One Bug is All It Takes

Adam Finney – CHERI Alliance

This article is part of a series of blogs published after the announcement of Mythos vulnerabilities’ exploitation capabilities. The views from other experts on this topic are:

For many years, automated tools that scan software for defects have played a central role in improving system security. A major early effort in this space was a U.S. Department of Homeland Security funded initiative that used Coverity’s static analysis technology to examine widely used open source software projects. This work analysed over 150 projects, including 53 in detail, and led to the discovery and remediation of approximately 6,000 defects across those codebases. It demonstrated that large numbers of previously unknown flaws existed even in widely deployed software, many of which represented potential security risks.

Since then, static analysis has become a standard part of modern software development. These tools analyse source code without executing it, exploring possible execution paths to identify defects such as null pointer dereferences, resource leaks, and logic errors. Over time, they have scaled to analyse very large codebases across many projects, contributing to the identification and fixing of large numbers of defects.

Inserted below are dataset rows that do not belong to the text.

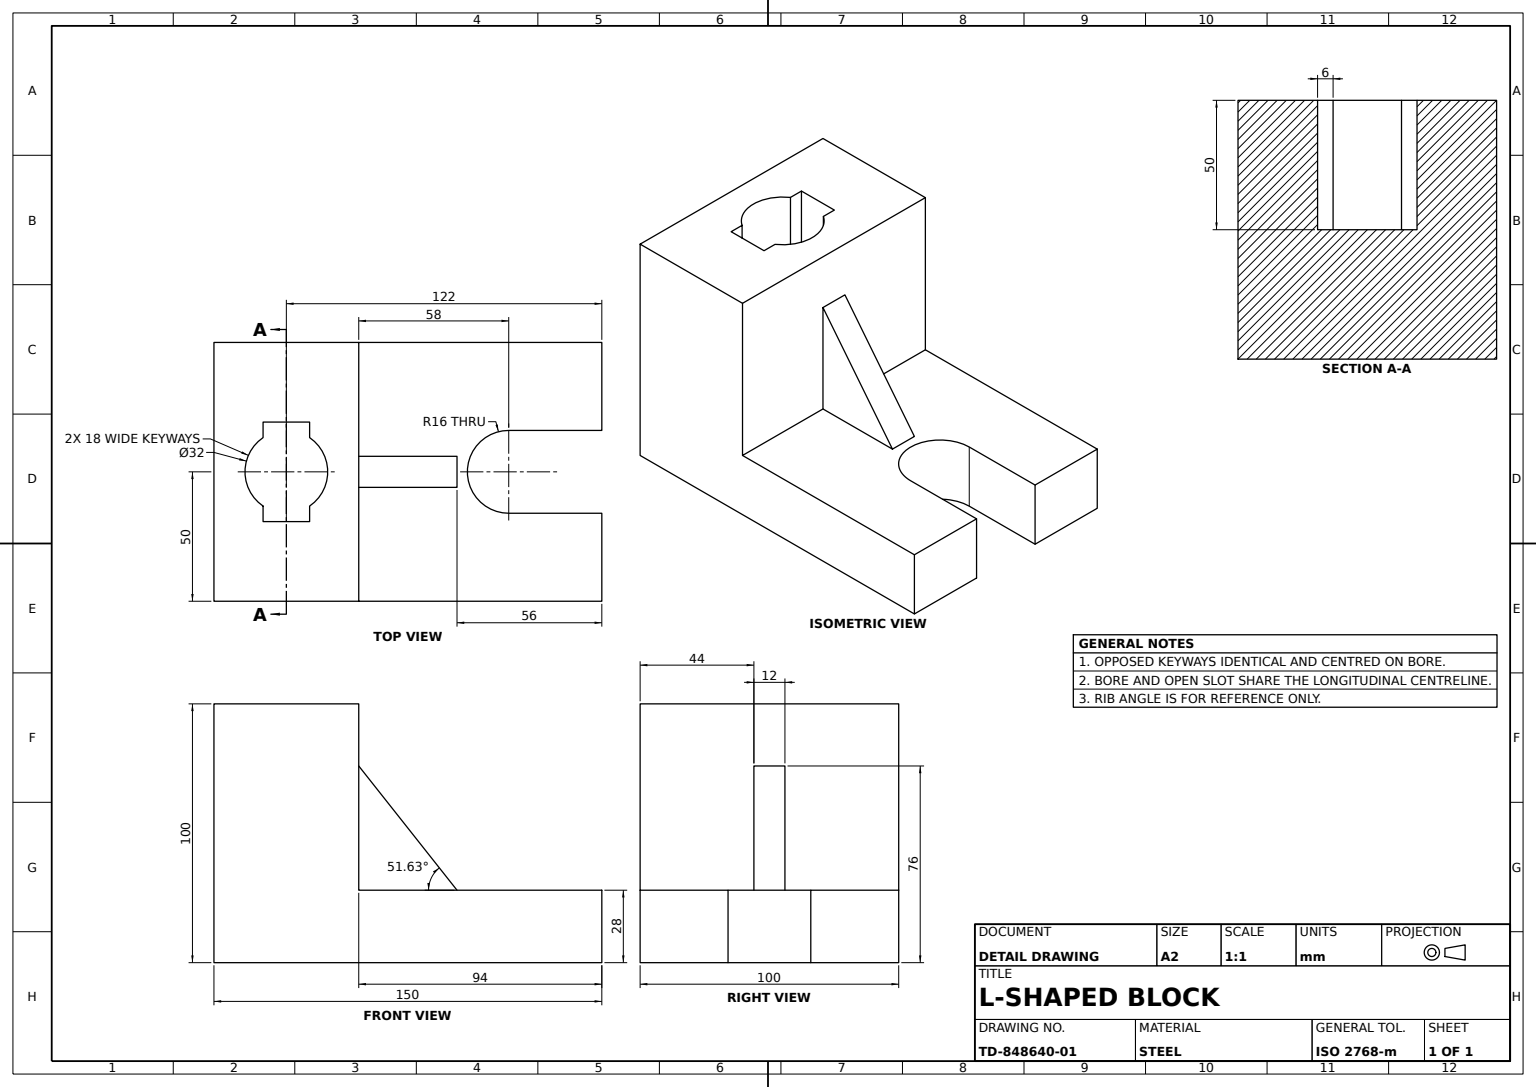
from build123d import *

# Parameters (mm, degrees)
L_BLOCK_BASE_DEPTH      = 100
KEYED_BORE_CUT_DEPTH    = 50
STEP_BOSS_DEPTH         = 60
STEP_CUT_DEPTH          = 44
STEP_RELIEF_CUT_DEPTH   = 4
LOW_STEP_SLOT_CUT_DEPTH = 28


with BuildPart() as part:
    # L-Block Profile Sketch → L-Block Base (new body)
    with BuildSketch(Plane.XY):
        Polygon((0, 0), (150, 0), (150, 100), (94, 100), (94, 28), (0, 28), align=None)
    extrude(amount=L_BLOCK_BASE_DEPTH)

    # Keyed Bore Sketch → Keyed Bore Cut (cut)
    with BuildSketch(Plane(origin=(0, 100, 0), x_dir=(1, 0, 0), z_dir=(0, 1, 0))):
        with BuildLine():
            Line((113, -69.228756555), (131, -69.228756555))
            Line((131, -69.228756555), (131, -63.228756555))
            ThreePointArc((131, -63.228756555), (138, -50), (131, -36.771243445))
            Line((131, -36.771243445), (131, -30.771243445))
            Line((131, -30.771243445), (113, -30.771243445))
            Line((113, -30.771243445), (113, -36.771243445))
            ThreePointArc((113, -36.771243445), (106, -50), (113, -63.228756555))
            Line((113, -63.228756555), (113, -69.228756555))
        make_face()
    extrude(amount=-KEYED_BORE_CUT_DEPTH, mode=Mode.SUBTRACT)

    # Step Boss Sketch → Step Boss (add)
    with BuildSketch(Plane.XY.offset(100)):
        Polygon((94, 28), (94, 76), (56, 28), align=None)
    extrude(amount=-STEP_BOSS_DEPTH)

    # Step Cut Sketch → Step Cut (cut)
    with BuildSketch(Plane.XY.offset(100)):
        Polygon((94, 76), (94, 28), (56, 28), align=None)
    extrude(amount=-STEP_CUT_DEPTH, mode=Mode.SUBTRACT)

    # Step Relief Sketch → Step Relief Cut (cut)
    with BuildSketch(Plane(origin=(0, 0, 40), x_dir=(-1, 0, 0), z_dir=(0, 0, -1))):
        Polygon((-94, 76), (-94, 28), (-56, 28), align=None)
    extrude(amount=-STEP_RELIEF_CUT_DEPTH, mode=Mode.SUBTRACT)

    # Low Step Slot Sketch → Low Step Slot Cut (cut)
    with BuildSketch(Plane(origin=(0, 28, 0), x_dir=(1, 0, 0), z_dir=(0, 1, 0))):
        with BuildLine():
            Line((0, -34), (0, -66))
            Line((0, -66), (36, -66))
            ThreePointArc((36, -66), (52, -50), (36, -34))
            Line((36, -34), (0, -34))
        make_face()
    extrude(amount=-LOW_STEP_SLOT_CUT_DEPTH, mode=Mode.SUBTRACT)


solid = part.part
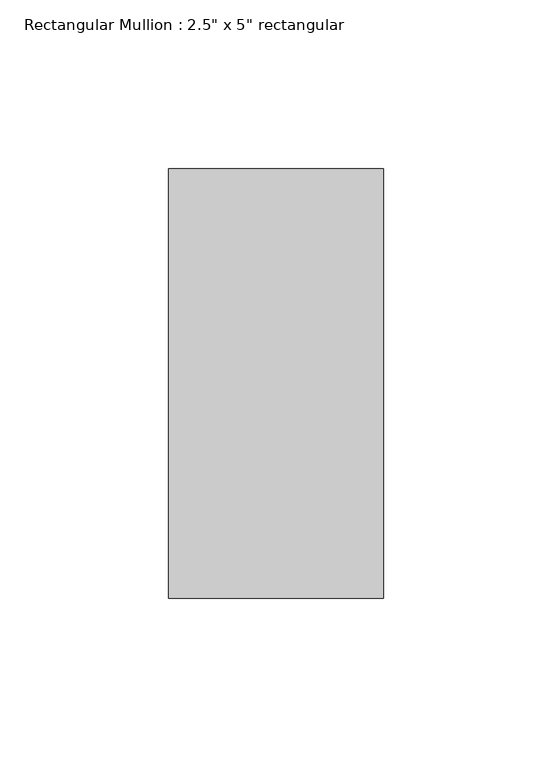
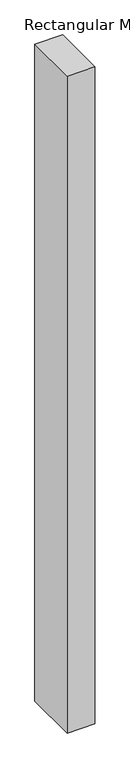
"""IFC4 building model written with IfcOpenShell, lengths in millimetres: member geometry."""

from ifc_helpers import new_model, si_unit, frame, origin, place, context, project, spatial, polyline, outline, extrude, source, transform, mapped, element, save


def member_1d1a2070(model_context):
    return source(origin(), model_context, "Body", "SweptSolid", [
        extrude(outline(polyline([(0.0, 63.5), (0.0, -63.5), (-63.5, -63.5), (-63.5, 63.5), (0.0, 63.5)])), frame((0.0, 0.0, -1582.9994987), z_axis=(0.0, 0.0, 1.0), x_axis=(1.0, 0.0, 0.0)), (0.0, 0.0, 1.0), 1582.9994987),
    ])


if __name__ == "__main__":
    model = new_model("IFC4")
    model_context = context("Model", 3, world=origin())
    ifc_project = project(units=[si_unit("LENGTHUNIT", "METRE", prefix="MILLI")], contexts=[model_context])
    site = spatial("IfcSite", under=ifc_project)
    building = spatial("IfcBuilding", under=site)
    placement = place(None, origin())
    member_shape = member_1d1a2070(model_context)
    element("IfcMember", 1, ObjectType="Rectangular Mullion : 2.5\" x 5\" rectangular", at=placement, inside=building, context=model_context, shape_type="MappedRepresentation", body=[
        mapped(member_shape, transform((0.0, 0.0, 0.0), x_axis=(1.0, 0.0, 0.0), y_axis=(0.0, 1.0, 0.0), z_axis=(0.0, 0.0, 1.0))),
    ])
    save(model, "model.ifc")

# Revit data of these elements
# Type "Rectangular Mullion : 2.5\" x 5\" rectangular"
#   built-in parameter 1007304 = 0.416667 (stored number, unit not read)
#   built-in parameter 1007301 = 0.104167 (stored number, unit not read)
#   built-in parameter 1007300 = 0.104167 (stored number, unit not read)
# Element 1 (IfcMember, "Rectangular Mullion : 2.5\" x 5\" rectangular")
#   Materials on its faces: "Aluminum"
# Materials
#   "Aluminum": class "Metal", colour RGB 247 247 247, transparency 0, Description = "Aluminum 6061", Cost = 0

More recently, new approaches have emerged that attempt to make analysis tools more adaptive and intelligent. Rather than strictly modelling program execution, some systems attempt to identify patterns that appear risky, similar to how a human reviewer might detect suspicious constructs. While this can uncover issues that traditional techniques might miss, it also introduces challenges, particularly in distinguishing genuine vulnerabilities from benign patterns.

One of the most significant challenges in static analysis is noise. Tools often produce large volumes of warnings, many of which are false positives or lower priority issues. Each reported defect must still be reviewed by a developer, creating a substantial cost in time and effort. Over time, this can lead to alert fatigue, where important warnings risk being ignored. Even in high quality analysis tools, some level of false positives is unavoidable due to the inherent trade off between accuracy and completeness in static analysis.

Subsequent empirical studies have shown that these challenges persist in modern tools, with analyses highlighting variability in results across different tools and continued issues with precision and false positives in real world codebases.

Traditional approaches attempt to mitigate this by allowing developers to provide annotations or additional context, helping tools better understand intended behaviour. However, more probabilistic or heuristic based systems may lack this precision, making it difficult to distinguish between genuinely dangerous conditions and code that merely appears suspicious.

Alongside these approaches, architectural solutions such as CHERI (Capability Hardware Enhanced RISC Instructions) provide a complementary path to improving security. Rather than relying solely on detection, CHERI enforces memory safety properties directly in hardware through capabilities that encode bounds and permissions. This reduces reliance on warning based systems and removes entire classes of vulnerabilities, particularly those related to memory safety, which static analysis tools often struggle to reason about precisely.

There is also a fundamental asymmetry between defenders and attackers. Developers must identify and fix every serious vulnerability, whereas an attacker needs to exploit only one. When tools generate large numbers of potential issues, even with many false positives, an attacker can focus on a small subset and still discover a real weakness. Approaches like CHERI aim to rebalance this dynamic by reducing the number of exploitable defects at their source, rather than relying solely on their detection.